En ce qui concerne le protocole utilisé dans cette étude, la forme DENT rectangulaire pour les échantillons est validée. La gamme de longueur du ligament s’étend de 5mm à 15mm. Ainsi, seuls les films polypropylène ne satisfont pas à la limitation de la ductilité. En revanche, les films polyéthylène, polyamide et poly(éthylène téréphtalate) sont de bons candidats pour la méthode EWF. L’analyse des résultats correspondant à ces différents matériaux sera présentée dans les chapitres suivants.

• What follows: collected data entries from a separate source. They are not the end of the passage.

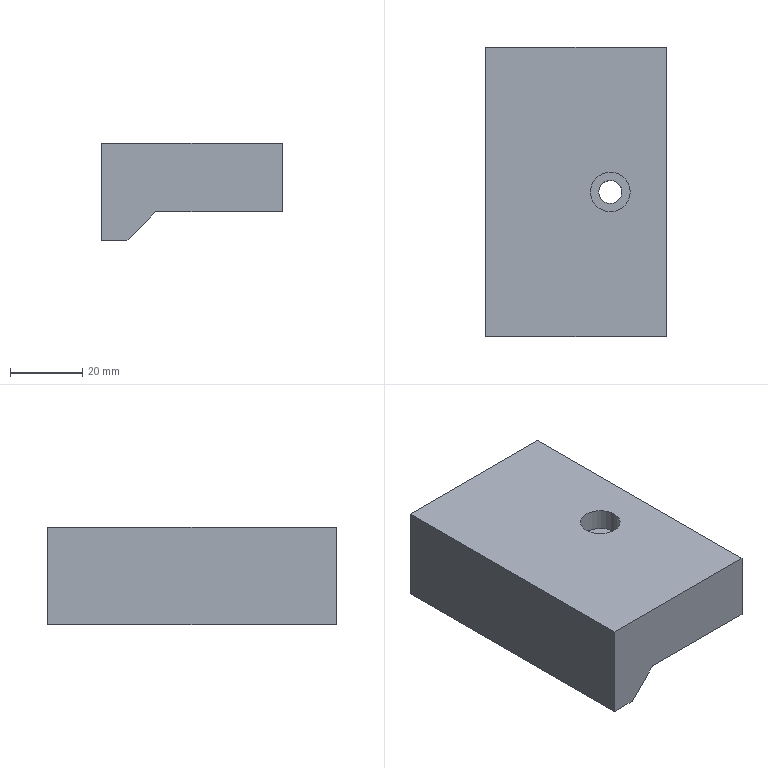Component | NX | 1 | 1 solid | 11 faces | box 50 x 80 x 27 mm | volume 82052 mm3 | plane 9 | cylinder 2 | commonest cylinder face diameters 6.4 x1 11 x1
STEP:
#1=CARTESIAN_POINT('',(0.,0.,0.));
#2=DIRECTION('',(0.,0.,1.));
#3=DIRECTION('',(1.,0.,0.));
#4=AXIS2_PLACEMENT_3D('',#1,#2,#3);
#5=CARTESIAN_POINT('',(-96.,40.,179.));
#6=VERTEX_POINT('',#5);
#7=CARTESIAN_POINT('',(-89.,40.,179.));
#8=VERTEX_POINT('',#7);
#9=CARTESIAN_POINT('',(-96.,40.,179.));
#10=DIRECTION('',(1.,0.,0.));
#11=VECTOR('',#10,1.);
#12=LINE('',#9,#11);
#13=CARTESIAN_POINT('',(-96.,-40.,179.));
#14=DIRECTION('',(0.,0.,1.));
#15=DIRECTION('',(0.,-1.,0.));
#16=AXIS2_PLACEMENT_3D('',#13,#14,#15);
#17=PLANE('',#16);
#18=CARTESIAN_POINT('',(-80.,0.));
#19=DIRECTION('',(0.,1.));
#20=VECTOR('',#19,1.);
#21=LINE('',#18,#20);
#22=(GEOMETRIC_REPRESENTATION_CONTEXT(2)PARAMETRIC_REPRESENTATION_CONTEXT()REPRESENTATION_CONTEXT('',''));
#23=DEFINITIONAL_REPRESENTATION('',(#21),#22);
#24=PCURVE('',#17,#23);
#25=CARTESIAN_POINT('',(-96.,40.,187.));
#26=DIRECTION('',(0.,-1.,0.));
#27=DIRECTION('',(0.,0.,-1.));
#28=AXIS2_PLACEMENT_3D('',#25,#26,#27);
#29=PLANE('',#28);
#30=CARTESIAN_POINT('',(8.,0.));
#31=DIRECTION('',(0.,1.));
#32=VECTOR('',#31,1.);
#33=LINE('',#30,#32);
#34=(GEOMETRIC_REPRESENTATION_CONTEXT(2)PARAMETRIC_REPRESENTATION_CONTEXT()REPRESENTATION_CONTEXT('',''));
#35=DEFINITIONAL_REPRESENTATION('',(#33),#34);
#36=PCURVE('',#29,#35);
#37=SURFACE_CURVE('',#12,(#24,#36),.PCURVE_S1.);
#38=EDGE_CURVE('',#6,#8,#37,.T.);
#39=ORIENTED_EDGE('',*,*,#38,.T.);
#40=CARTESIAN_POINT('',(-89.,-40.,179.));
#41=VERTEX_POINT('',#40);
#42=CARTESIAN_POINT('',(-89.,-40.,179.));
#43=DIRECTION('',(0.,1.,0.));
#44=VECTOR('',#43,1.);
#45=LINE('',#42,#44);
#46=CARTESIAN_POINT('',(0.,7.));
#47=DIRECTION('',(-1.,0.));
#48=VECTOR('',#47,1.);
#49=LINE('',#46,#48);
#50=(GEOMETRIC_REPRESENTATION_CONTEXT(2)PARAMETRIC_REPRESENTATION_CONTEXT()REPRESENTATION_CONTEXT('',''));
#51=DEFINITIONAL_REPRESENTATION('',(#49),#50);
#52=PCURVE('',#17,#51);
#53=CARTESIAN_POINT('',(-89.,-40.,179.));
#54=DIRECTION('',(-0.7071,0.,0.7071));
#55=DIRECTION('',(-0.7071,0.,-0.7071));
#56=AXIS2_PLACEMENT_3D('',#53,#54,#55);
#57=PLANE('',#56);
#58=CARTESIAN_POINT('',(0.,0.));
#59=DIRECTION('',(0.,-1.));
#60=VECTOR('',#59,1.);
#61=LINE('',#58,#60);
#62=(GEOMETRIC_REPRESENTATION_CONTEXT(2)PARAMETRIC_REPRESENTATION_CONTEXT()REPRESENTATION_CONTEXT('',''));
#63=DEFINITIONAL_REPRESENTATION('',(#61),#62);
#64=PCURVE('',#57,#63);
#65=SURFACE_CURVE('',#45,(#52,#64),.PCURVE_S1.);
#66=EDGE_CURVE('',#41,#8,#65,.T.);
#67=ORIENTED_EDGE('',*,*,#66,.F.);
#68=CARTESIAN_POINT('',(-96.,-40.,179.));
#69=VERTEX_POINT('',#68);
#70=CARTESIAN_POINT('',(-96.,-40.,179.));
#71=DIRECTION('',(1.,0.,0.));
#72=VECTOR('',#71,1.);
#73=LINE('',#70,#72);
#74=CARTESIAN_POINT('',(0.,0.));
#75=DIRECTION('',(0.,1.));
#76=VECTOR('',#75,1.);
#77=LINE('',#74,#76);
#78=(GEOMETRIC_REPRESENTATION_CONTEXT(2)PARAMETRIC_REPRESENTATION_CONTEXT()REPRESENTATION_CONTEXT('',''));
#79=DEFINITIONAL_REPRESENTATION('',(#77),#78);
#80=PCURVE('',#17,#79);
#81=CARTESIAN_POINT('',(-96.,-40.,187.));
#82=DIRECTION('',(0.,-1.,0.));
#83=DIRECTION('',(0.,0.,-1.));
#84=AXIS2_PLACEMENT_3D('',#81,#82,#83);
#85=PLANE('',#84);
#86=CARTESIAN_POINT('',(8.,0.));
#87=DIRECTION('',(0.,1.));
#88=VECTOR('',#87,1.);
#89=LINE('',#86,#88);
#90=(GEOMETRIC_REPRESENTATION_CONTEXT(2)PARAMETRIC_REPRESENTATION_CONTEXT()REPRESENTATION_CONTEXT('',''));
#91=DEFINITIONAL_REPRESENTATION('',(#89),#90);
#92=PCURVE('',#85,#91);
#93=SURFACE_CURVE('',#73,(#80,#92),.PCURVE_S1.);
#94=EDGE_CURVE('',#69,#41,#93,.T.);
#95=ORIENTED_EDGE('',*,*,#94,.F.);
#96=CARTESIAN_POINT('',(-96.,-40.,179.));
#97=DIRECTION('',(0.,1.,0.));
#98=VECTOR('',#97,1.);
#99=LINE('',#96,#98);
#100=CARTESIAN_POINT('',(0.,0.));
#101=DIRECTION('',(-1.,0.));
#102=VECTOR('',#101,1.);
#103=LINE('',#100,#102);
#104=(GEOMETRIC_REPRESENTATION_CONTEXT(2)PARAMETRIC_REPRESENTATION_CONTEXT()REPRESENTATION_CONTEXT('',''));
#105=DEFINITIONAL_REPRESENTATION('',(#103),#104);
#106=PCURVE('',#17,#105);
#107=CARTESIAN_POINT('',(-96.,-40.,206.));
#108=DIRECTION('',(1.,0.,0.));
#109=DIRECTION('',(-0.,0.,1.));
#110=AXIS2_PLACEMENT_3D('',#107,#108,#109);
#111=PLANE('',#110);
#112=CARTESIAN_POINT('',(-27.,0.));
#113=DIRECTION('',(0.,-1.));
#114=VECTOR('',#113,1.);
#115=LINE('',#112,#114);
#116=(GEOMETRIC_REPRESENTATION_CONTEXT(2)PARAMETRIC_REPRESENTATION_CONTEXT()REPRESENTATION_CONTEXT('',''));
#117=DEFINITIONAL_REPRESENTATION('',(#115),#116);
#118=PCURVE('',#111,#117);
#119=SURFACE_CURVE('',#99,(#106,#118),.PCURVE_S1.);
#120=EDGE_CURVE('',#69,#6,#119,.T.);
#121=ORIENTED_EDGE('',*,*,#120,.T.);
#122=EDGE_LOOP('',(#39,#67,#95,#121));
#123=FACE_BOUND('',#122,.T.);
#124=ADVANCED_FACE('',(#123),#17,.F.);
#125=CARTESIAN_POINT('',(-81.,40.,187.));
#126=VERTEX_POINT('',#125);
#127=CARTESIAN_POINT('',(-89.,40.,179.));
#128=DIRECTION('',(0.7071,0.,0.7071));
#129=VECTOR('',#128,1.);
#130=LINE('',#127,#129);
#131=CARTESIAN_POINT('',(0.,-80.));
#132=DIRECTION('',(-1.,0.));
#133=VECTOR('',#132,1.);
#134=LINE('',#131,#133);
#135=(GEOMETRIC_REPRESENTATION_CONTEXT(2)PARAMETRIC_REPRESENTATION_CONTEXT()REPRESENTATION_CONTEXT('',''));
#136=DEFINITIONAL_REPRESENTATION('',(#134),#135);
#137=PCURVE('',#57,#136);
#138=CARTESIAN_POINT('',(8.,7.));
#139=DIRECTION('',(-0.7071,0.7071));
#140=VECTOR('',#139,1.);
#141=LINE('',#138,#140);
#142=(GEOMETRIC_REPRESENTATION_CONTEXT(2)PARAMETRIC_REPRESENTATION_CONTEXT()REPRESENTATION_CONTEXT('',''));
#143=DEFINITIONAL_REPRESENTATION('',(#141),#142);
#144=PCURVE('',#29,#143);
#145=SURFACE_CURVE('',#130,(#137,#144),.PCURVE_S1.);
#146=EDGE_CURVE('',#8,#126,#145,.T.);
#147=ORIENTED_EDGE('',*,*,#146,.T.);
#148=CARTESIAN_POINT('',(-81.,-40.,187.));
#149=VERTEX_POINT('',#148);
#150=CARTESIAN_POINT('',(-81.,-40.,187.));
#151=DIRECTION('',(0.,1.,0.));
#152=VECTOR('',#151,1.);
#153=LINE('',#150,#152);
#154=CARTESIAN_POINT('',(-11.314,0.));
#155=DIRECTION('',(0.,-1.));
#156=VECTOR('',#155,1.);
#157=LINE('',#154,#156);
#158=(GEOMETRIC_REPRESENTATION_CONTEXT(2)PARAMETRIC_REPRESENTATION_CONTEXT()REPRESENTATION_CONTEXT('',''));
#159=DEFINITIONAL_REPRESENTATION('',(#157),#158);
#160=PCURVE('',#57,#159);
#161=CARTESIAN_POINT('',(-81.,-40.,187.));
#162=DIRECTION('',(0.,0.,1.));
#163=DIRECTION('',(0.,-1.,0.));
#164=AXIS2_PLACEMENT_3D('',#161,#162,#163);
#165=PLANE('',#164);
#166=CARTESIAN_POINT('',(0.,0.));
#167=DIRECTION('',(-1.,0.));
#168=VECTOR('',#167,1.);
#169=LINE('',#166,#168);
#170=(GEOMETRIC_REPRESENTATION_CONTEXT(2)PARAMETRIC_REPRESENTATION_CONTEXT()REPRESENTATION_CONTEXT('',''));
#171=DEFINITIONAL_REPRESENTATION('',(#169),#170);
#172=PCURVE('',#165,#171);
#173=SURFACE_CURVE('',#153,(#160,#172),.PCURVE_S1.);
#174=EDGE_CURVE('',#149,#126,#173,.T.);
#175=ORIENTED_EDGE('',*,*,#174,.F.);
#176=CARTESIAN_POINT('',(-89.,-40.,179.));
#177=DIRECTION('',(0.7071,0.,0.7071));
#178=VECTOR('',#177,1.);
#179=LINE('',#176,#178);
#180=CARTESIAN_POINT('',(0.,0.));
#181=DIRECTION('',(-1.,0.));
#182=VECTOR('',#181,1.);
#183=LINE('',#180,#182);
#184=(GEOMETRIC_REPRESENTATION_CONTEXT(2)PARAMETRIC_REPRESENTATION_CONTEXT()REPRESENTATION_CONTEXT('',''));
#185=DEFINITIONAL_REPRESENTATION('',(#183),#184);
#186=PCURVE('',#57,#185);
#187=CARTESIAN_POINT('',(8.,7.));
#188=DIRECTION('',(-0.7071,0.7071));
#189=VECTOR('',#188,1.);
#190=LINE('',#187,#189);
#191=(GEOMETRIC_REPRESENTATION_CONTEXT(2)PARAMETRIC_REPRESENTATION_CONTEXT()REPRESENTATION_CONTEXT('',''));
#192=DEFINITIONAL_REPRESENTATION('',(#190),#191);
#193=PCURVE('',#85,#192);
#194=SURFACE_CURVE('',#179,(#186,#193),.PCURVE_S1.);
#195=EDGE_CURVE('',#41,#149,#194,.T.);
#196=ORIENTED_EDGE('',*,*,#195,.F.);
#197=ORIENTED_EDGE('',*,*,#66,.T.);
#198=EDGE_LOOP('',(#147,#175,#196,#197));
#199=FACE_BOUND('',#198,.T.);
#200=ADVANCED_FACE('',(#199),#57,.F.);
#201=CARTESIAN_POINT('',(-61.5,-3.2,187.));
#202=VERTEX_POINT('',#201);
#203=CARTESIAN_POINT('',(-58.3,0.,187.));
#204=VERTEX_POINT('',#203);
#205=CARTESIAN_POINT('',(-61.5,0.,187.));
#206=DIRECTION('',(0.,0.,1.));
#207=DIRECTION('',(0.,-1.,0.));
#208=AXIS2_PLACEMENT_3D('',#205,#206,#207);
#209=CIRCLE('',#208,3.2);
#210=CARTESIAN_POINT('',(-40.,19.5));
#211=DIRECTION('',(1.,0.));
#212=AXIS2_PLACEMENT_2D('',#210,#211);
#213=CIRCLE('',#212,3.2);
#214=(GEOMETRIC_REPRESENTATION_CONTEXT(2)PARAMETRIC_REPRESENTATION_CONTEXT()REPRESENTATION_CONTEXT('',''));
#215=DEFINITIONAL_REPRESENTATION('',(#213),#214);
#216=PCURVE('',#165,#215);
#217=CARTESIAN_POINT('',(-61.5,0.,156.));
#218=DIRECTION('',(0.,0.,-1.));
#219=DIRECTION('',(1.,0.,0.));
#220=AXIS2_PLACEMENT_3D('',#217,#218,#219);
#221=CYLINDRICAL_SURFACE('',#220,3.2);
#222=CARTESIAN_POINT('',(1.571,-31.));
#223=DIRECTION('',(-1.,0.));
#224=VECTOR('',#223,1.);
#225=LINE('',#222,#224);
#226=(GEOMETRIC_REPRESENTATION_CONTEXT(2)PARAMETRIC_REPRESENTATION_CONTEXT()REPRESENTATION_CONTEXT('',''));
#227=DEFINITIONAL_REPRESENTATION('',(#225),#226);
#228=PCURVE('',#221,#227);
#229=SURFACE_CURVE('',#209,(#216,#228),.PCURVE_S1.);
#230=EDGE_CURVE('',#202,#204,#229,.T.);
#231=ORIENTED_EDGE('',*,*,#230,.T.);
#232=CARTESIAN_POINT('',(-61.5,0.,187.));
#233=DIRECTION('',(0.,0.,1.));
#234=DIRECTION('',(0.,-1.,0.));
#235=AXIS2_PLACEMENT_3D('',#232,#233,#234);
#236=CIRCLE('',#235,3.2);
#237=CARTESIAN_POINT('',(-40.,19.5));
#238=DIRECTION('',(1.,0.));
#239=AXIS2_PLACEMENT_2D('',#237,#238);
#240=CIRCLE('',#239,3.2);
#241=(GEOMETRIC_REPRESENTATION_CONTEXT(2)PARAMETRIC_REPRESENTATION_CONTEXT()REPRESENTATION_CONTEXT('',''));
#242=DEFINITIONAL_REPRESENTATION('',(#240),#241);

La signification physique des paramètres EWF, en particulier we est partiellement élucidée. Le paramètre we ne correspond pas à la résistance à l’amorçage de la propagation de la fissure. Ce paramètre comprend non seulement l’énergie de décohésion mais aussi une part de la déformation plastique qui intervient dans la zone de processus de rupture interne. Néanmoins, la méthode EWF reste un test adéquat permettant de comparer la réponse en rupture de différents films polymères

Dans la suite, nous avons décidé d’approfondir le rôle de la morphologie (l’orientation de la phase cristalline, le taux de cristallinité, la densité des molécules liens…) dans le film PET (chapitre IV) et l’influence de la présence de particules de renfort ("charges") dans différents nanocomposites à matrice polyéthylène et polyamide (chapitre V).